Wednesday, 4 July, 2007 , 12:00
The amended oil bill -- a key plank in efforts to help unite the country's warring communities -- was endorsed by Prime Minister Nuri al-Maliki's government on Tuesday and forwarded to parliament for a first reading.
Parliament was however unlikely to handle the legislation on Wednesday as initially expected.
"The reading of the draft oil is not on the agenda of the parliament session today," Khalid Attiya, acting speaker of Iraq's 275-member parliament, told AFP.
The northern Kurdish administration, a key party to the negotiations on the legislation, said it had "not seen and approved the final text of the law."
"We hope that the cabinet is not approving a text with which the KRG (Kurdish Regional Government) disagrees because this would violate the constitutional rights of the Kurdistan Region," a statement from the northern regional administration said.
The draft law was first approved by the Baghdad cabinet in February but Iraq's warring Shiite, Sunni and Kurdish factions later demanded a number of amendments.
The Kurdish administration said it was uncertain as to which version of the law was approved on Tuesday, although Iraqi government spokesman Ali al-Dabbagh said the latest text contained only linguistic changes to the February draft.
"While the KRG is happy with the legal committee's language improvements and restructuring of the legal text, we reject its changes to the substance of the law," the Kurdish government said.
"If it has agreed to the version that included material and substantive changes, the KRG rejects this document. We have not been informed which text the Iraqi cabinet has approved."
It was unclear how many ministers were present at Tuesday's cabinet meeting, as six ministers from the Moqtada al-Sadr group and six ministers from the Sunni bloc are currently boycotting the government.
A number of foreign companies have already entered into contracts with the Kurdish government and the Kurds fear that the new law may lead to the termination of the deals.
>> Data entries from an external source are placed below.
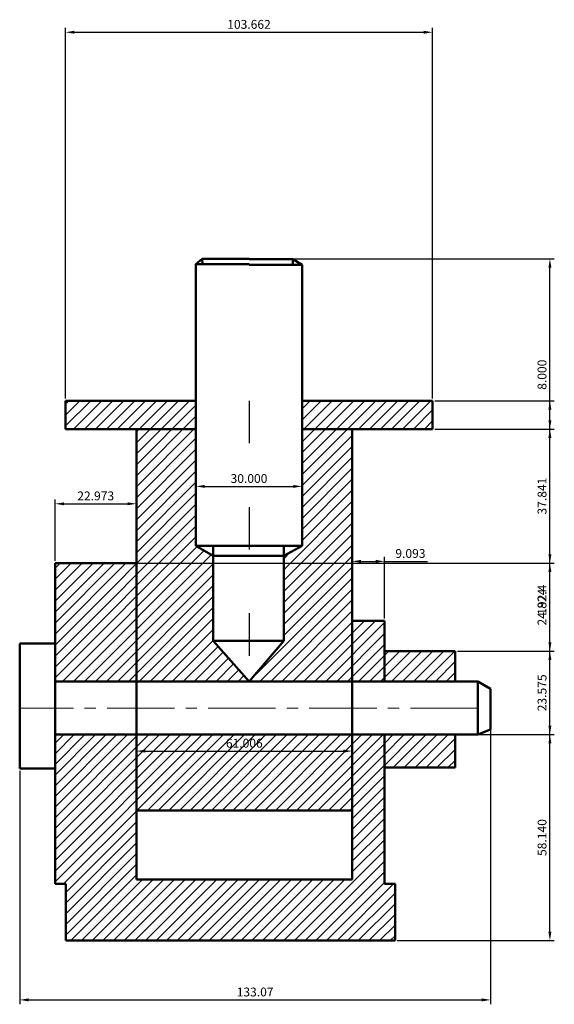
# Model space of a CAD drawing. Units: millimetres. Extents: x 1132 to 1696, y 1793 to 2376.
# Tile 4 of 4: x 1545 to 1696, y 2098 to 2376. Entities that reach past the tile are written whole.
import ezdxf

# ---------------------------------------------------------------- set-up
doc = ezdxf.new("R2010")
doc.units = ezdxf.units.MM
doc.linetypes.add('ACAD_ISO03W100', pattern=[30, 12, -18])
doc.linetypes.add('CENTER2', pattern=[28.575, 19.05, -3.175, 3.175, -3.175])
for name, color, linetype, lineweight in [('M-CNTR', 1, 'CENTER2', 18), ('M-DIMS', 2, 'Continuous', 25), ('M-HATC', 8, 'Continuous', 18), ('M-HIDN', 3, 'ACAD_ISO03W100', 25), ('M-OUTL', 7, 'Continuous', 50)]:
    doc.layers.add(name, color=color, linetype=linetype, lineweight=lineweight)
doc.styles.get("Standard").update_dxf_attribs({"font": 'arial.ttf'})
doc.dimstyles.new('ISO-25', dxfattribs={"dimtxt": 2.5, "dimasz": 2.5, "dimexe": 1.25, "dimexo": 0.625, "dimtad": 1, "dimtxsty": 'Standard', "dimcen": 2.5, "dimadec": 0, "dimazin": 0, "dimtfac": 1, "dimtmove": 0, "dimatfit": 3, "dimfxl": 1, "dimarcsym": 0})

# ---------------------------------------------------------------- blocks, each defined once
blk = doc.blocks.new('*D37')
at = {"layer": 'Defpoints', "color": 0, "transparency": 16777216}
for p in [(1677.92, 2186.94), (1544.85, 2164.4), (1677.92, 2099.11)]:
    blk.add_point(p, dxfattribs=at)
at = {"layer": 'M-DIMS', "color": 0, "lineweight": -2, "transparency": 16777216}
for p, q in [((1677.92, 2186.32), (1677.92, 2097.86)), ((1544.85, 2163.77), (1544.85, 2097.86)), ((1547.35, 2099.11), (1675.42, 2099.11))]:
    blk.add_line(p, q, dxfattribs=at)
at = {"layer": 'M-DIMS', "color": 0, "transparency": 16777216}
for points in [[(1547.35, 2099.53), (1547.35, 2098.69), (1544.85, 2099.11)], [(1675.42, 2099.53), (1675.42, 2098.69), (1677.92, 2099.11)]]:
    blk.add_solid(points, dxfattribs=at)
at = {"layer": 'M-DIMS', "color": 0, "transparency": 16777216, "insert": (1611.38, 2101.01), "char_height": 2.5, "attachment_point": 5}
blk.add_mtext('133.07', dxfattribs=at)
blk = doc.blocks.new('*D38')
at = {"layer": 'Defpoints', "color": 0, "transparency": 16777216}
for p in [(1596.44, 2308.28), (1694.67, 2308.28), (1650.92, 2115.86)]:
    blk.add_point(p, dxfattribs=at)
at = {"layer": 'M-DIMS', "color": 0, "lineweight": -2, "transparency": 16777216}
for p, q in [((1597.07, 2308.28), (1695.92, 2308.28)), ((1694.67, 2118.36), (1694.67, 2305.78)), ((1651.55, 2115.86), (1695.92, 2115.86))]:
    blk.add_line(p, q, dxfattribs=at)
at = {"layer": 'M-DIMS', "color": 0, "transparency": 16777216}
for points in [[(1694.25, 2305.78), (1695.09, 2305.78), (1694.67, 2308.28)], [(1694.25, 2118.36), (1695.09, 2118.36), (1694.67, 2115.86)]]:
    blk.add_solid(points, dxfattribs=at)
at = {"layer": 'M-DIMS', "color": 0, "transparency": 16777216, "insert": (1692.77, 2212.07), "char_height": 2.5, "attachment_point": 5, "rotation": 90}
blk.add_mtext('192.4', dxfattribs=at)
blk = doc.blocks.new('*D68')
at = {"layer": 'Defpoints', "color": 0, "transparency": 16777216}
for p in [(1667.92, 2174), (1694.67, 2174), (1650.92, 2115.86)]:
    blk.add_point(p, dxfattribs=at)
at = {"layer": 'M-DIMS', "color": 0, "lineweight": -2, "transparency": 16777216}
for p, q in [((1668.55, 2174), (1695.92, 2174)), ((1694.67, 2118.36), (1694.67, 2171.5)), ((1651.55, 2115.86), (1695.92, 2115.86))]:
    blk.add_line(p, q, dxfattribs=at)
at = {"layer": 'M-DIMS', "color": 0, "transparency": 16777216}
for points in [[(1694.25, 2171.5), (1695.09, 2171.5), (1694.67, 2174)], [(1694.25, 2118.36), (1695.09, 2118.36), (1694.67, 2115.86)]]:
    blk.add_solid(points, dxfattribs=at)
at = {"layer": 'M-DIMS', "color": 0, "transparency": 16777216, "insert": (1692.77, 2144.93), "char_height": 2.5, "attachment_point": 5, "rotation": 90}
blk.add_mtext('58.140', dxfattribs=at)
blk = doc.blocks.new('*D69')
at = {"layer": 'Defpoints', "color": 0, "transparency": 16777216}
for p in [(1667.92, 2197.57), (1694.67, 2197.57), (1667.92, 2174)]:
    blk.add_point(p, dxfattribs=at)
at = {"layer": 'M-DIMS', "color": 0, "lineweight": -2, "transparency": 16777216}
for p, q in [((1668.55, 2197.57), (1695.92, 2197.57)), ((1694.67, 2176.5), (1694.67, 2195.07)), ((1668.55, 2174), (1695.92, 2174))]:
    blk.add_line(p, q, dxfattribs=at)
at = {"layer": 'M-DIMS', "color": 0, "transparency": 16777216}
for points in [[(1694.25, 2195.07), (1695.09, 2195.07), (1694.67, 2197.57)], [(1694.25, 2176.5), (1695.09, 2176.5), (1694.67, 2174)]]:
    blk.add_solid(points, dxfattribs=at)
at = {"layer": 'M-DIMS', "color": 0, "transparency": 16777216, "insert": (1692.77, 2185.79), "char_height": 2.5, "attachment_point": 5, "rotation": 90}
blk.add_mtext('23.575', dxfattribs=at)
blk = doc.blocks.new('*D70')
at = {"layer": 'Defpoints', "color": 0, "transparency": 16777216}
for p in [(1554.85, 2222.4), (1694.67, 2222.4), (1667.92, 2197.57)]:
    blk.add_point(p, dxfattribs=at)
at = {"layer": 'M-DIMS', "color": 0, "lineweight": -2, "transparency": 16777216}
for p, q in [((1555.47, 2222.4), (1695.92, 2222.4)), ((1694.67, 2200.07), (1694.67, 2219.9)), ((1668.55, 2197.57), (1695.92, 2197.57))]:
    blk.add_line(p, q, dxfattribs=at)
at = {"layer": 'M-DIMS', "color": 0, "transparency": 16777216}
for points in [[(1694.25, 2219.9), (1695.09, 2219.9), (1694.67, 2222.4)], [(1694.25, 2200.07), (1695.09, 2200.07), (1694.67, 2197.57)]]:
    blk.add_solid(points, dxfattribs=at)
at = {"layer": 'M-DIMS', "color": 0, "transparency": 16777216, "insert": (1692.77, 2209.99), "char_height": 2.5, "attachment_point": 5, "rotation": 90}
blk.add_mtext('24.824', dxfattribs=at)
blk = doc.blocks.new('*D71')
at = {"layer": 'Defpoints', "color": 0, "transparency": 16777216}
for p in [(1661.48, 2260.24), (1694.67, 2260.24), (1554.85, 2222.4)]:
    blk.add_point(p, dxfattribs=at)
at = {"layer": 'M-DIMS', "color": 0, "lineweight": -2, "transparency": 16777216}
for p, q in [((1662.11, 2260.24), (1695.92, 2260.24)), ((1694.67, 2224.9), (1694.67, 2257.74)), ((1555.47, 2222.4), (1695.92, 2222.4))]:
    blk.add_line(p, q, dxfattribs=at)
at = {"layer": 'M-DIMS', "color": 0, "transparency": 16777216}
for points in [[(1694.25, 2257.74), (1695.09, 2257.74), (1694.67, 2260.24)], [(1694.25, 2224.9), (1695.09, 2224.9), (1694.67, 2222.4)]]:
    blk.add_solid(points, dxfattribs=at)
at = {"layer": 'M-DIMS', "color": 0, "transparency": 16777216, "insert": (1692.77, 2241.32), "char_height": 2.5, "attachment_point": 5, "rotation": 90}
blk.add_mtext('37.841', dxfattribs=at)
blk = doc.blocks.new('*D72')
at = {"layer": 'Defpoints', "color": 0, "transparency": 16777216}
for p in [(1661.48, 2268.24), (1694.67, 2268.24), (1661.48, 2260.24)]:
    blk.add_point(p, dxfattribs=at)
at = {"layer": 'M-DIMS', "color": 0, "lineweight": -2, "transparency": 16777216}
for p, q in [((1694.67, 2268.24), (1694.67, 2280.42)), ((1662.11, 2268.24), (1695.92, 2268.24)), ((1694.67, 2262.74), (1694.67, 2265.74)), ((1662.11, 2260.24), (1695.92, 2260.24))]:
    blk.add_line(p, q, dxfattribs=at)
at = {"layer": 'M-DIMS', "color": 0, "transparency": 16777216}
for points in [[(1694.25, 2265.74), (1695.09, 2265.74), (1694.67, 2268.24)], [(1694.25, 2262.74), (1695.09, 2262.74), (1694.67, 2260.24)]]:
    blk.add_solid(points, dxfattribs=at)
at = {"layer": 'M-DIMS', "color": 0, "transparency": 16777216, "insert": (1692.77, 2275.58), "char_height": 2.5, "attachment_point": 5, "rotation": 90}
blk.add_mtext('8.000', dxfattribs=at)
blk = doc.blocks.new('*D73')
at = {"layer": 'Defpoints', "color": 0, "transparency": 16777216}
for p in [(1661.48, 2372.26), (1557.82, 2268.24), (1661.48, 2268.24)]:
    blk.add_point(p, dxfattribs=at)
at = {"layer": 'M-DIMS', "color": 0, "lineweight": -2, "transparency": 16777216}
for p, q in [((1557.82, 2268.86), (1557.82, 2373.51)), ((1560.32, 2372.26), (1658.98, 2372.26)), ((1661.48, 2268.86), (1661.48, 2373.51))]:
    blk.add_line(p, q, dxfattribs=at)
at = {"layer": 'M-DIMS', "color": 0, "transparency": 16777216}
for points in [[(1560.32, 2372.68), (1560.32, 2371.84), (1557.82, 2372.26)], [(1658.98, 2372.68), (1658.98, 2371.84), (1661.48, 2372.26)]]:
    blk.add_solid(points, dxfattribs=at)
at = {"layer": 'M-DIMS', "color": 0, "transparency": 16777216, "insert": (1609.65, 2374.16), "char_height": 2.5, "attachment_point": 5}
blk.add_mtext('103.662', dxfattribs=at)
blk = doc.blocks.new('*D74')
at = {"layer": 'Defpoints', "color": 0, "transparency": 16777216}
for p in [(1624.65, 2244.06), (1594.65, 2227.31), (1624.65, 2227.31)]:
    blk.add_point(p, dxfattribs=at)
at = {"layer": 'M-DIMS', "color": 0, "lineweight": -2, "transparency": 16777216}
for p, q in [((1594.65, 2227.93), (1594.65, 2245.31)), ((1597.15, 2244.06), (1622.15, 2244.06)), ((1624.65, 2227.93), (1624.65, 2245.31))]:
    blk.add_line(p, q, dxfattribs=at)
at = {"layer": 'M-DIMS', "color": 0, "transparency": 16777216}
for points in [[(1597.15, 2244.47), (1597.15, 2243.64), (1594.65, 2244.06)], [(1622.15, 2244.47), (1622.15, 2243.64), (1624.65, 2244.06)]]:
    blk.add_solid(points, dxfattribs=at)
at = {"layer": 'M-DIMS', "color": 0, "transparency": 16777216, "insert": (1609.65, 2245.96), "char_height": 2.5, "attachment_point": 5}
blk.add_mtext('30.000', dxfattribs=at)
blk = doc.blocks.new('*D75')
at = {"layer": 'Defpoints', "color": 0, "transparency": 16777216}
for p in [(1577.82, 2239.15), (1554.85, 2222.4), (1577.82, 2222.4)]:
    blk.add_point(p, dxfattribs=at)
at = {"layer": 'M-DIMS', "color": 0, "lineweight": -2, "transparency": 16777216}
for p, q in [((1554.85, 2223.02), (1554.85, 2240.4)), ((1577.82, 2223.02), (1577.82, 2240.4)), ((1557.35, 2239.15), (1575.32, 2239.15))]:
    blk.add_line(p, q, dxfattribs=at)
at = {"layer": 'M-DIMS', "color": 0, "transparency": 16777216}
for points in [[(1557.35, 2239.56), (1557.35, 2238.73), (1554.85, 2239.15)], [(1575.32, 2239.56), (1575.32, 2238.73), (1577.82, 2239.15)]]:
    blk.add_solid(points, dxfattribs=at)
at = {"layer": 'M-DIMS', "color": 0, "transparency": 16777216, "insert": (1566.33, 2241.05), "char_height": 2.5, "attachment_point": 5}
blk.add_mtext('22.973', dxfattribs=at)
blk = doc.blocks.new('*D76')
at = {"layer": 'Defpoints', "color": 0, "transparency": 16777216}
for p in [(1638.83, 2169.34), (1577.82, 2152.59), (1638.83, 2152.59)]:
    blk.add_point(p, dxfattribs=at)
at = {"layer": 'M-DIMS', "color": 0, "lineweight": -2, "transparency": 16777216}
for p, q in [((1577.82, 2153.21), (1577.82, 2170.59)), ((1580.32, 2169.34), (1636.33, 2169.34)), ((1638.83, 2153.21), (1638.83, 2170.59))]:
    blk.add_line(p, q, dxfattribs=at)
at = {"layer": 'M-DIMS', "color": 0, "transparency": 16777216}
for points in [[(1580.32, 2169.75), (1580.32, 2168.92), (1577.82, 2169.34)], [(1636.33, 2169.75), (1636.33, 2168.92), (1638.83, 2169.34)]]:
    blk.add_solid(points, dxfattribs=at)
at = {"layer": 'M-DIMS', "color": 0, "transparency": 16777216, "insert": (1608.32, 2171.24), "char_height": 2.5, "attachment_point": 5}
blk.add_mtext('61.006', dxfattribs=at)
blk = doc.blocks.new('*D77')
at = {"layer": 'Defpoints', "color": 0, "transparency": 16777216}
for p in [(1647.92, 2222.9), (1638.83, 2206.15), (1647.92, 2206.15)]:
    blk.add_point(p, dxfattribs=at)
at = {"layer": 'M-DIMS', "color": 0, "lineweight": -2, "transparency": 16777216}
for p, q in [((1638.83, 2206.77), (1638.83, 2224.15)), ((1647.92, 2206.77), (1647.92, 2224.15)), ((1641.33, 2222.9), (1645.42, 2222.9)), ((1647.92, 2222.9), (1660.11, 2222.9))]:
    blk.add_line(p, q, dxfattribs=at)
at = {"layer": 'M-DIMS', "color": 0, "transparency": 16777216}
for points in [[(1641.33, 2223.32), (1641.33, 2222.48), (1638.83, 2222.9)], [(1645.42, 2223.32), (1645.42, 2222.48), (1647.92, 2222.9)]]:
    blk.add_solid(points, dxfattribs=at)
at = {"layer": 'M-DIMS', "color": 0, "transparency": 16777216, "insert": (1655.26, 2224.8), "char_height": 2.5, "attachment_point": 5}
blk.add_mtext('9.093', dxfattribs=at)

msp = doc.modelspace()

# ---------------------------------------------------------------- hatches: boundary and pattern name
at = {"layer": 'M-HATC'}
h = msp.add_hatch(dxfattribs=at)
h.set_pattern_fill('ANSI31', color=256, scale=0.69)
h.paths.add_polyline_path([(1594.6525, 2268.2395), (1557.8214, 2268.2395), (1557.8214, 2260.2395), (1577.8214, 2260.2395), (1594.6525, 2260.2395)])
h.paths.add_polyline_path([(1661.4837, 2268.2395), (1624.6525, 2268.2395), (1624.6525, 2260.2395), (1638.8275, 2260.2395), (1661.4837, 2260.2395)])
h.paths.add_polyline_path([(1577.8214, 2222.3981), (1554.8483, 2222.3981), (1554.8483, 2214.3981), (1554.8483, 2188.9992), (1577.8214, 2188.9992)])
h.paths.add_polyline_path([(1599.4988, 2224.4618), (1594.6525, 2227.3057), (1594.6525, 2260.2395), (1577.8214, 2260.2395), (1577.8214, 2188.9992), (1609.6525, 2188.9992), (1599.4988, 2200.4987)])
h.paths.add_polyline_path([(1638.8275, 2260.2395), (1624.6525, 2260.2395), (1624.6525, 2227.3057), (1619.4988, 2224.4618), (1619.4988, 2200.4987), (1609.6525, 2188.9992), (1638.8275, 2188.9992)])
h.paths.add_polyline_path([(1647.9209, 2206.1487), (1638.8275, 2206.1487), (1638.8275, 2188.9992), (1647.9209, 2188.9992)])
h.paths.add_polyline_path([(1667.9209, 2197.5739), (1647.9209, 2197.5739), (1647.9209, 2188.9992), (1667.9209, 2188.9992)])
h.paths.add_polyline_path([(1667.9209, 2173.9992), (1647.9209, 2173.9992), (1647.9209, 2164.6682), (1667.9209, 2164.6682)])
h = msp.add_hatch(dxfattribs=at)
h.set_pattern_fill('ANSI31', color=256, scale=0.67)
h.paths.add_polyline_path([(1577.8214, 2173.9992), (1554.8483, 2173.9992), (1554.8483, 2131.8589), (1557.8483, 2131.8589), (1557.8483, 2115.8589), (1650.9209, 2115.8589), (1650.9209, 2131.8589), (1647.9209, 2131.8589), (1647.9209, 2173.9992), (1638.8275, 2173.9992), (1638.8275, 2133.0821), (1577.8214, 2133.0821)])
h.paths.add_polyline_path([(1638.8275, 2173.9992), (1577.8214, 2173.9992), (1577.8214, 2152.5868), (1638.8275, 2152.5868)], flags=17)

# ---------------------------------------------------------------- linework, layer by layer
at = {"layer": 'M-CNTR'}
msp.add_line((1674.3166, 2181.4992), (1544.8483, 2181.4992), dxfattribs=at)
at = {"layer": 'M-HIDN'}
for p, q in [((1609.6525, 2306.6363), (1609.6525, 2306.8186)), ((1609.6525, 2268.2395), (1609.6525, 2188.9992))]:
    msp.add_line(p, q, dxfattribs=at)
at = {"layer": 'M-OUTL'}
for p, q in [((1596.441, 2308.276), (1594.6525, 2306.8186)), ((1609.6525, 2308.276), (1596.441, 2308.276)), ((1596.441, 2308.276), (1596.4824, 2306.8186)), ((1609.6525, 2308.2303), (1622.0611, 2308.2303)), ((1622.0611, 2308.2303), (1622.031, 2306.6363)), ((1622.0611, 2308.2303), (1624.6525, 2306.6363)), ((1609.6525, 2306.8186), (1594.6525, 2306.8186)), ((1594.6525, 2227.3057), (1594.6525, 2306.8186)), ((1609.6525, 2306.6363), (1624.6525, 2306.6363)), ((1624.6525, 2306.6363), (1624.6525, 2227.3057)), ((1557.8214, 2260.2395), (1557.8214, 2268.2395)), ((1557.8214, 2268.2395), (1594.6525, 2268.2395)), ((1624.6525, 2268.2395), (1661.4837, 2268.2395)), ((1661.4837, 2268.2395), (1661.4837, 2260.2395)), ((1577.8214, 2260.2395), (1557.8214, 2260.2395)), ((1577.8214, 2188.9992), (1577.8214, 2260.2395)), ((1577.8214, 2260.2395), (1594.6525, 2260.2395)), ((1624.6525, 2260.2395), (1638.8275, 2260.2395)), ((1638.8275, 2260.2395), (1638.8275, 2188.9992)), ((1661.4837, 2260.2395), (1638.8275, 2260.2395)), ((1624.6525, 2227.3057), (1594.6525, 2227.3057)), ((1594.6525, 2227.3057), (1599.4988, 2224.4618)), ((1599.4988, 2227.3057), (1599.4988, 2200.4987)), ((1619.4988, 2200.4987), (1619.4988, 2227.3057)), ((1619.4988, 2224.4618), (1624.6525, 2227.3057)), ((1619.4988, 2224.4618), (1599.4988, 2224.4618)), ((1554.8483, 2131.8589), (1554.8483, 2222.3981)), ((1554.8483, 2222.3981), (1577.8214, 2222.3981)), ((1554.8483, 2222.3981), (1554.8483, 2222.3981)), ((1554.8483, 2222.3981), (1554.8483, 2214.3981)), ((1647.9209, 2206.1487), (1638.8275, 2206.1487)), ((1647.9209, 2188.9992), (1647.9209, 2206.1487)), ((1544.8483, 2199.705), (1544.8483, 2164.3981)), ((1544.8483, 2199.705), (1554.8483, 2199.705)), ((1599.4988, 2200.4987), (1619.4988, 2200.4987)), ((1599.4988, 2200.4987), (1609.6525, 2188.9992)), ((1609.6525, 2188.9992), (1619.4988, 2200.4987)), ((1647.9209, 2197.5739), (1667.9209, 2197.5739)), ((1667.9209, 2197.5739), (1667.9209, 2188.9992)), ((1674.3166, 2188.9992), (1554.8483, 2188.9992)), ((1577.8214, 2188.9992), (1577.8214, 2133.0821)), ((1638.8275, 2188.9992), (1638.8275, 2133.0821)), ((1674.3166, 2173.9992), (1674.3166, 2188.9992)), ((1674.3166, 2188.9992), (1677.9209, 2186.9438)), ((1677.9209, 2175.4628), (1677.9209, 2186.9438)), ((1647.9209, 2173.9992), (1554.8483, 2173.9992)), ((1647.9209, 2131.8589), (1647.9209, 2173.9992)), ((1647.9209, 2173.9992), (1674.3166, 2173.9992)), ((1667.9209, 2173.9992), (1667.9209, 2164.6682)), ((1674.3166, 2173.9992), (1677.9209, 2175.4628)), ((1544.8483, 2164.3981), (1552.8483, 2164.3981)), ((1552.8483, 2164.3981), (1554.8483, 2164.3981)), ((1667.9209, 2164.6682), (1647.9209, 2164.6682)), ((1577.8214, 2152.5868), (1638.8275, 2152.5868)), ((1557.8483, 2131.8589), (1554.8483, 2131.8589)), ((1557.8483, 2115.8589), (1557.8483, 2131.8589)), ((1577.8214, 2133.0821), (1638.8275, 2133.0821)), ((1650.9209, 2131.8589), (1647.9209, 2131.8589)), ((1650.9209, 2115.8589), (1650.9209, 2131.8589)), ((1557.8483, 2115.8589), (1650.9209, 2115.8589))]:
    msp.add_line(p, q, dxfattribs=at)

# ---------------------------------------------------------------- dimensions: what is measured, and where the dimension line sits
at = {"layer": 'M-DIMS'}
for base, p1, p2, override, picture, middle in [((1661.4837, 2372.2614), (1557.8214, 2268.2395), (1661.4837, 2268.2395), {"dimdec": 3, "dimlfac": 1, "dimrnd": 0, "dimzin": 0, "dimdsep": 46, "dimlunit": 2}, '*D73', (1609.6525, 2374.1637)), ((1624.6525, 2244.0557), (1594.6525, 2227.3057), (1624.6525, 2227.3057), {"dimdec": 3, "dimlfac": 1, "dimrnd": 0, "dimzin": 0, "dimdsep": 46, "dimlunit": 2}, '*D74', (1609.6525, 2245.958)), ((1577.8214, 2239.1481), (1554.8483, 2222.3981), (1577.8214, 2222.3981), {"dimdec": 3, "dimlfac": 1, "dimrnd": 0, "dimzin": 0, "dimdsep": 46, "dimlunit": 2}, '*D75', (1566.3348, 2241.0504)), ((1647.9209, 2222.8987), (1638.8275, 2206.1487), (1647.9209, 2206.1487), {"dimdec": 3, "dimlfac": 1, "dimrnd": 0, "dimzin": 0, "dimdsep": 46, "dimlunit": 2}, '*D77', (1655.264, 2224.8009)), ((1677.9209, 2099.1089), (1544.8483, 2164.3981), (1677.9209, 2186.9438), {"dimdec": 2, "dimlfac": 1, "dimrnd": 0, "dimzin": 0, "dimdsep": 46, "dimlunit": 2}, '*D37', (1611.3846, 2101.0112)), ((1638.8275, 2169.3368), (1577.8214, 2152.5868), (1638.8275, 2152.5868), {"dimdec": 3, "dimlfac": 1, "dimrnd": 0, "dimzin": 0, "dimdsep": 46, "dimlunit": 2}, '*D76', (1608.3245, 2171.2382))]:
    dim = msp.add_linear_dim(base=base, p1=p1, p2=p2, dimstyle='ISO-25', override=override, dxfattribs=at)
    dim.commit()
    dim.dimension.update_dxf_attribs({"geometry": picture, "text_midpoint": middle})
for base, p1, p2, override, picture, middle in [((1694.6709, 2308.276), (1650.9209, 2115.8589), (1596.441, 2308.276), {"dimdec": 1, "dimlfac": 1, "dimrnd": 0, "dimzin": 0, "dimdsep": 46, "dimlunit": 2}, '*D38', (1692.7695, 2212.0674)), ((1694.6709, 2268.2395), (1661.4837, 2260.2395), (1661.4837, 2268.2395), {"dimdec": 3, "dimlfac": 1, "dimrnd": 0, "dimzin": 0, "dimdsep": 46, "dimlunit": 2}, '*D72', (1692.7695, 2275.5801)), ((1694.6709, 2260.2395), (1554.8483, 2222.3981), (1661.4837, 2260.2395), {"dimdec": 3, "dimlfac": 1, "dimrnd": 0, "dimzin": 0, "dimdsep": 46, "dimlunit": 2}, '*D71', (1692.7687, 2241.3188)), ((1694.6709, 2222.3981), (1667.9209, 2197.5739), (1554.8483, 2222.3981), {"dimdec": 3, "dimlfac": 1, "dimrnd": 0, "dimzin": 0, "dimdsep": 46, "dimlunit": 2}, '*D70', (1692.7695, 2209.986)), ((1694.6709, 2197.5739), (1667.9209, 2173.9992), (1667.9209, 2197.5739), {"dimdec": 3, "dimlfac": 1, "dimrnd": 0, "dimzin": 0, "dimdsep": 46, "dimlunit": 2}, '*D69', (1692.7687, 2185.7866)), ((1694.6709, 2173.9992), (1650.9209, 2115.8589), (1667.9209, 2173.9992), {"dimdec": 3, "dimlfac": 1, "dimrnd": 0, "dimzin": 0, "dimdsep": 46, "dimlunit": 2}, '*D68', (1692.7695, 2144.929))]:
    dim = msp.add_linear_dim(base=base, p1=p1, p2=p2, angle=90, dimstyle='ISO-25', override=override, dxfattribs=at)
    dim.commit()
    dim.dimension.update_dxf_attribs({"geometry": picture, "text_midpoint": middle})

doc.saveas('drawing.dxf')

In May, Oil Minister Hussein Shahristani said any contract signed before the adoption of law would be cancelled.
Kurdish officials say they will honour the contracts and also claim to have reached an agreement with Baghdad whereby it will receive 17 percent of the country's oil revenues.
Leaders from Iraq's main Sunni Arab political bloc, the National Concord Front, also expressed concern over the latest bill.
"The Front did not receive any official information of the draft. We do not know anything about the latest copy which was endorsed by the cabinet," said lawmaker Ala Makki from Iraqi Islamic Party, the key faction in the Front.
"If our brothers want to pass the law without the Front's opinion then it is their affair and it is up to them. We are not responsible for it."
Iraq's oil reserves are largely in the Kurdish north and the Shiite south and the Sunni Arabs from the central and western regions fear they could be robbed of the revenues from the crude exports.
The draft law lays down control of the country's oil wealth and how it would be distributed across the communities.
Oil exports are Iraq's single most important source of revenue, even after more than four years of frequent insurgent attacks on oil facilities.
US officials have repeatedly urged Iraqis to adopt a consensus law on sharing revenues and on international investment in order to head off future conflict and allow the oil sector to develop.
Iraq's proven oil reserves, estimated at 115 billion barrels, are thought to be the third largest in the world, but since the US-led invasion production has tumbled from 3.5 million barrels per day to around two million.